CLAB was the guinea pig chosen for testing the new Nagios monitor. Had to adjust thresholds since LAB SDN pod resource consumption is a lot less than SILVER.

Will revisit PR and make final threshold adjustments before promoting the PR for review/approval.

[wmhutchison]

While it will be close, am fairly confident this ticket will be finished off by the conclusion of Sprint 35. If for some reason it carries over to Sprint 36, it likely won't be for long.

[wmhutchison]

New issue to resolve - while reviewing the documentation on troubleshooting NetworkPolicy issues, it was discovered that some changes under the hood in OCP 4.7 has made previous commands used for troubleshooting no longer valid.
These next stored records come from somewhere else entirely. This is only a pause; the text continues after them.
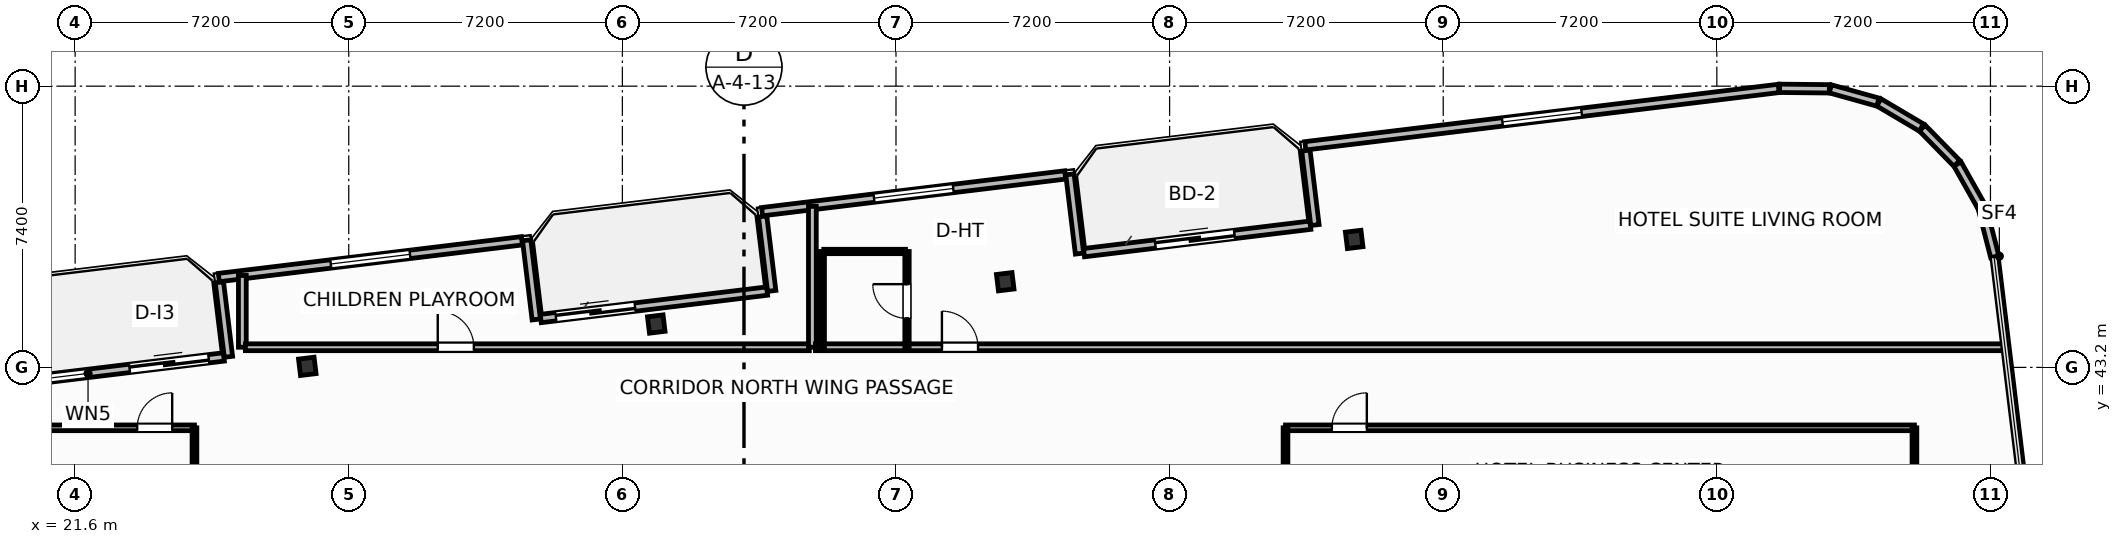
"""IFC4 building model, lengths in metres.
Left out: names, types, materials, properties, quantities, classifications, styles, units other than length and angle.
Written with IfcOpenShell. Run it as: python <this file> out.ifc"""

import sys

from ifc_helpers import new_model, si_unit, direction, frame, frame_2d, origin, origin_2d, place, context, subcontext, project, spatial, rectangle, i_section, extrude, element, fill, save


model = new_model("IFC4")
c1 = context("Model", 3, precision=1e-05, world=origin(), true_north=direction((0.0, 1.0)))
c2 = subcontext(c1, "Body", "Model", "MODEL_VIEW")
j1 = project(units=[si_unit("LENGTHUNIT", "METRE"), si_unit("PLANEANGLEUNIT", "RADIAN")], contexts=[c1])
p1 = place(None, origin())
s1 = spatial("IfcSite", under=j1, at=p1, CompositionType="ELEMENT")
p2 = place(p1, origin())
s2 = spatial("IfcBuilding", under=s1, at=p2, CompositionType="ELEMENT")
p3 = place(p2, frame((0.0, 0.0, 196.8)))
s3 = spatial("IfcBuildingStorey", under=s2, at=p3, CompositionType="ELEMENT", Elevation=196.8)
for number, where, z_axis, x_axis in (
    (1, (55.257, 46.567, 0.0), (0.0, 0.0, 1.0), (0.993, 0.12, 0.0)),
    (2, (46.075, 45.454, 0.0), (0.0, 0.0, 1.0), (0.993, 0.12, 0.0)),
    (3, (36.892, 44.341, 0.0), (0.0, 0.0, 1.0), (0.993, 0.12, 0.0)),
    (4, (27.709, 43.227, 0.0), (0.0, 0.0, 1.0), (0.993, 0.12, 0.0)),
):
    element("IfcColumn", number, at=place(p3, frame(where, z_axis=z_axis, x_axis=x_axis)), inside=s3, PredefinedType="COLUMN", context=c2, shape_type="SweptSolid", body=[
        extrude(i_section(OverallWidth=0.412, OverallDepth=0.435, WebThickness=0.036, FlangeThickness=0.057, FilletRadius=0.025, at=origin_2d()), origin(), (0.0, 0.0, 1.0), 3.7),
    ])
p4 = place(p3, frame((19.557, 42.753, 0.0), z_axis=(0.0, 0.0, 1.0), x_axis=(0.992729951822, 0.120362962556, 0.0)))
e5 = element("IfcWall", 5, at=p4, inside=s3, PredefinedType="SOLIDWALL", context=c2, shape_type="SweptSolid", body=[
    extrude(rectangle(XDim=6.0, YDim=0.22, at=frame_2d((3.0, 0.0))), origin(), (0.0, 0.0, 1.0), 2.73),
])
p5 = place(p4, frame((3.5, 0.0, 0.0)))
e6 = element("IfcOpeningElement", 6, at=p5, cuts=e5, PredefinedType="OPENING", context=c2, shape_type="SweptSolid", body=[
    extrude(rectangle(XDim=2.1, YDim=2.3, at=frame_2d((1.05, 1.15))), frame((0.0, 0.12, 0.0), z_axis=(0.0, -1.0, 0.0), x_axis=(1.0, 0.0, 0.0)), (0.0, 0.0, 1.0), 0.24),
])
p6 = place(p4, frame((0.55, 0.0, 0.75)))
e7 = element("IfcOpeningElement", 7, at=p6, cuts=e5, PredefinedType="OPENING", context=c2, shape_type="SweptSolid", body=[
    extrude(rectangle(XDim=1.85, YDim=1.75, at=frame_2d((0.925, 0.875))), frame((0.0, 0.12, 0.0), z_axis=(0.0, -1.0, 0.0), x_axis=(1.0, 0.0, 0.0)), (0.0, 0.0, 1.0), 0.24),
])
p7 = place(p3, frame((33.852, 44.486, 0.0), z_axis=(0.0, 0.0, 1.0), x_axis=(0.992729951822, 0.120362962556, 0.0)))
e8 = element("IfcWall", 8, at=p7, inside=s3, PredefinedType="SOLIDWALL", context=c2, shape_type="SweptSolid", body=[
    extrude(rectangle(XDim=6.0, YDim=0.22, at=frame_2d((3.0, 0.0))), origin(), (0.0, 0.0, 1.0), 2.73),
])
p8 = place(p7, frame((0.4, 0.0, 0.0)))
e9 = element("IfcOpeningElement", 9, at=p8, cuts=e8, PredefinedType="OPENING", context=c2, shape_type="SweptSolid", body=[
    extrude(rectangle(XDim=2.1, YDim=2.3, at=frame_2d((1.05, 1.15))), frame((0.0, 0.12, 0.0), z_axis=(0.0, -1.0, 0.0), x_axis=(1.0, 0.0, 0.0)), (0.0, 0.0, 1.0), 0.24),
])
p9 = place(p3, frame((48.148, 46.219, 0.0), z_axis=(0.0, 0.0, 1.0), x_axis=(0.992729951822, 0.120362962556, 0.0)))
e10 = element("IfcWall", 10, at=p9, inside=s3, PredefinedType="SOLIDWALL", context=c2, shape_type="SweptSolid", body=[
    extrude(rectangle(XDim=6.0, YDim=0.22, at=frame_2d((3.0, 0.0))), origin(), (0.0, 0.0, 1.0), 2.73),
])
p10 = place(p9, frame((1.888, 0.0, 0.0)))
e11 = element("IfcOpeningElement", 11, at=p10, cuts=e10, PredefinedType="OPENING", context=c2, shape_type="SweptSolid", body=[
    extrude(rectangle(XDim=2.1, YDim=2.3, at=frame_2d((1.05, 1.15))), frame((0.0, 0.12, 0.0), z_axis=(0.0, -1.0, 0.0), x_axis=(1.0, 0.0, 0.0)), (0.0, 0.0, 1.0), 0.24),
])
p11 = place(p3, frame((72.114, 46.112, 0.0), z_axis=(0.0, 0.0, 1.0), x_axis=(-0.248942347653, 0.968518305219, 0.0)))
e12 = element("IfcWall", 12, at=p11, inside=s3, PredefinedType="SOLIDWALL", context=c2, shape_type="SweptSolid", body=[
    extrude(rectangle(XDim=1.326, YDim=0.22, at=frame_2d((0.663, 0.0))), origin(), (0.0, 0.0, 1.0), 2.73),
])
p12 = place(p3, frame((71.771, 47.418, 0.0), z_axis=(0.0, 0.0, 1.0), x_axis=(-0.491098509465, 0.871104043155, 0.0)))
e13 = element("IfcWall", 13, at=p12, inside=s3, PredefinedType="SOLIDWALL", context=c2, shape_type="SweptSolid", body=[
    extrude(rectangle(XDim=1.301, YDim=0.22, at=frame_2d((0.65, 0.0))), origin(), (0.0, 0.0, 1.0), 2.73),
])
p13 = place(p3, frame((71.115, 48.569, 0.0), z_axis=(0.0, 0.0, 1.0), x_axis=(-0.699844331926, 0.714295394827, 0.0)))
e14 = element("IfcWall", 14, at=p13, inside=s3, PredefinedType="SOLIDWALL", context=c2, shape_type="SweptSolid", body=[
    extrude(rectangle(XDim=1.301, YDim=0.22, at=frame_2d((0.65, 0.0))), origin(), (0.0, 0.0, 1.0), 2.73),
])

The data does still exist, there's just no longer a dedicated OVS pod, but SDN pod only, which is where the OVS data resides. Will review previous commands used, and adjust their syntax as needed.

[wmhutchison]

The noted issue will definitely cause this ticket to be moved into Sprint 36 before fully resolved, but shouldn't take up a ton of time.

[wmhutchison]

https://github.com/bcgov-c/advsol-docs/pull/172 created for documenting the new monitor and how to service it while on-call

[wmhutchison]

Blocked for now until PR's for new Nagios monitor and matching docs for on-call team to service the monitor are borth reviewed and approved. Once that's done and code/docs are merged, we can push out the new Nagios monitor across all OCP clusters.

[wmhutchison]

Blocks addressed, moving back into Progress. This ticket will be completed today at the latest.

[wmhutchison]

Confirmed in Nagios that Steven Barre has pushed out the new monitor to all clusters. Closing off this ticket as complete.